# Prove sets are equipotent using Schroder - Bernstein

1. Oct 16, 2008

### fk378

1. The problem statement, all variables and given/known data
Using the Schroeder-Bernstein Theorem, prove the following sets must have the same cardinality by producing explicit one-to-one (but not necessarily surjective) maps f: A-->B and g: B-->A.

(a) The unit disc in the plane A={(x,y) in R2: x^2 + y^2 <1} and the unit square B={(x,y) in R2: x,y in [-1,1]}.

(b) The unit disc in the plane A={(x,y) in R2: x^2 + y^2 <1} and the entire plane B=R2.
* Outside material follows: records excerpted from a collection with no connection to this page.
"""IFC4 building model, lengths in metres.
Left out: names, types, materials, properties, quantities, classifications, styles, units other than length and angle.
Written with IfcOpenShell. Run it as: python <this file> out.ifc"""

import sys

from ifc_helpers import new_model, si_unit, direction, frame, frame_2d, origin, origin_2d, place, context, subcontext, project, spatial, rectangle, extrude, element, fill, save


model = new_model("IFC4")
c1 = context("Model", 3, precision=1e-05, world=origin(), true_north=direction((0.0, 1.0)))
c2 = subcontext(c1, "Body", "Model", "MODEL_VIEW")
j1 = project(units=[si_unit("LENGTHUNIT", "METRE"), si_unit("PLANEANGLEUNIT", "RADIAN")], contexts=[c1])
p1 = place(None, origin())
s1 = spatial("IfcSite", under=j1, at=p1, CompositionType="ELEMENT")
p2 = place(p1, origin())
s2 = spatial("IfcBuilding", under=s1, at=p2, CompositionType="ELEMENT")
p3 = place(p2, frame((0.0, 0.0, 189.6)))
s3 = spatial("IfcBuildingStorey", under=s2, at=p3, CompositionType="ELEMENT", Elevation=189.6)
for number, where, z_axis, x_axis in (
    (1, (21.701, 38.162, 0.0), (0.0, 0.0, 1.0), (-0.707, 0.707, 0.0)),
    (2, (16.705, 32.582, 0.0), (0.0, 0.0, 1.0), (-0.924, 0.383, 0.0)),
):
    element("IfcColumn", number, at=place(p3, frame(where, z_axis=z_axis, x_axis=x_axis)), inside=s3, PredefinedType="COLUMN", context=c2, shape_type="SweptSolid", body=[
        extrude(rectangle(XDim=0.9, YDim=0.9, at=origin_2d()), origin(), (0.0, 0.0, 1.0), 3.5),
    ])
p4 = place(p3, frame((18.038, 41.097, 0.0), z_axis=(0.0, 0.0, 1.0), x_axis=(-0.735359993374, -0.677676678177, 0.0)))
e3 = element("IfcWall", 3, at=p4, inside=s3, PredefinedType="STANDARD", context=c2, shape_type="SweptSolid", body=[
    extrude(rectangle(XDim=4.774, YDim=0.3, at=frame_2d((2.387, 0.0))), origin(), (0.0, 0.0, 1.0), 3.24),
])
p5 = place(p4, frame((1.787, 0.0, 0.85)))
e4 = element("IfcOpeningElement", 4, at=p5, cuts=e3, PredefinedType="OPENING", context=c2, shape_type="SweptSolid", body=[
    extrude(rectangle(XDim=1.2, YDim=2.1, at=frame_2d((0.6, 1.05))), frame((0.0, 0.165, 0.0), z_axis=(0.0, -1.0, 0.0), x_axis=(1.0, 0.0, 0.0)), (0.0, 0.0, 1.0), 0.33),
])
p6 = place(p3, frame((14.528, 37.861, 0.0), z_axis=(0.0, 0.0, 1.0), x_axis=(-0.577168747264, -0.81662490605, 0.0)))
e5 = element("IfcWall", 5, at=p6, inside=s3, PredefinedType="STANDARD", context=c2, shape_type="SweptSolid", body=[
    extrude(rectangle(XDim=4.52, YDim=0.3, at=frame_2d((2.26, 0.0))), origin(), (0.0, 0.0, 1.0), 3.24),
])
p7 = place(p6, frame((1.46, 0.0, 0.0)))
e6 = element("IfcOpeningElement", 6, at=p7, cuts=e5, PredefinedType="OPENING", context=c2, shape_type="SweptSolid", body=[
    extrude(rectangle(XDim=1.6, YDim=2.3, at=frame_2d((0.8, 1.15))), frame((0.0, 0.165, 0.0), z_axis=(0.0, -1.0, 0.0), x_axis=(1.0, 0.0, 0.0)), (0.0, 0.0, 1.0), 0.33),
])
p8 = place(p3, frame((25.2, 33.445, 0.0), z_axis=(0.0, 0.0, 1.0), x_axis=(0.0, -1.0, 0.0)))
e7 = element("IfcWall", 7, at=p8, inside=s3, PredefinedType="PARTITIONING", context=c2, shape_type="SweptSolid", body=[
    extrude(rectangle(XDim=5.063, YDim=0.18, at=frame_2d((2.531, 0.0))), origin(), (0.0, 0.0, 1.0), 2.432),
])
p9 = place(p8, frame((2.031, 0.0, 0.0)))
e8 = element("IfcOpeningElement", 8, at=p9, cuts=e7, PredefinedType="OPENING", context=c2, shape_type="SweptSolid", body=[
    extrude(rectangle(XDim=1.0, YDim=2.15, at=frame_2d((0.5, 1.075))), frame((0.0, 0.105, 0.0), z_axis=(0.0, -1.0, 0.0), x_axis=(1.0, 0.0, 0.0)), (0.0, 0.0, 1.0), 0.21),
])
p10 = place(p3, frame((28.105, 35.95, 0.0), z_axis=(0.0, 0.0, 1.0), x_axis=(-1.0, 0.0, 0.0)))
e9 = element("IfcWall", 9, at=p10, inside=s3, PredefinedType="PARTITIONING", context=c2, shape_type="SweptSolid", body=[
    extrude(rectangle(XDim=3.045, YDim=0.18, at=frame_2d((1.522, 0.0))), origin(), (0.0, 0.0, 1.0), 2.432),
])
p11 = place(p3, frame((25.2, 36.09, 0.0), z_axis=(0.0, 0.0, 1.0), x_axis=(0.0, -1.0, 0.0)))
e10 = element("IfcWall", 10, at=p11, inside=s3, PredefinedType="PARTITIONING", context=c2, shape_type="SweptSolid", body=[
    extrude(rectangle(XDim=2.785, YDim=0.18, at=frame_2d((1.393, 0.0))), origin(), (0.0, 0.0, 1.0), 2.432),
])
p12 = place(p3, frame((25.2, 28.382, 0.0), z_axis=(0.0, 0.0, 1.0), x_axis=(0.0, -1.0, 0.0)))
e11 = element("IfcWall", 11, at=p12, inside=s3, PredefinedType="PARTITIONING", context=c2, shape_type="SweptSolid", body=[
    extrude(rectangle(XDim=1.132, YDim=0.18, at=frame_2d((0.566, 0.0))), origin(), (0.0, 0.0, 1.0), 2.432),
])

3. The attempt at a solution
I'm having trouble with this section we're working on because I don't know how to come up with an injective function at the top of my head.

For (a) the map g, can I use the map (x,y)-->(x^2 + y^2)/2?

For (b) the map g, can I use the map (x,y)-->(x^2+y^2)/(x^2+y^2)+1???

You can probably tell I am lost.

2. Oct 16, 2008

### HallsofIvy

Staff Emeritus
Re: Schroeder-Bernstein

No, of course those don't work:
1) because of the squares, neither of those is one to one.
2) you need two functions, f and g, for each.
3) those are functions from R2 to R, not R2 to R2.

My first thought. for (a), since the unit disk is already inside the unit square, you can take g to be the identity map: g((x,y))= (x,y). To go the other way "reduce" the size of the unit square so it is inside the unit dist: first map (x,y) to (x/2, y/2), then use the identity map: in other words, use f(x,y)= (x/2, y/2).

For (b) you can again use g((x,y))= (x,y). For f, dividing by x2+ y2+ 1 is good but you must have 2[/sup] components and the function must be one to one. There is an almost trivial choice for the numerators.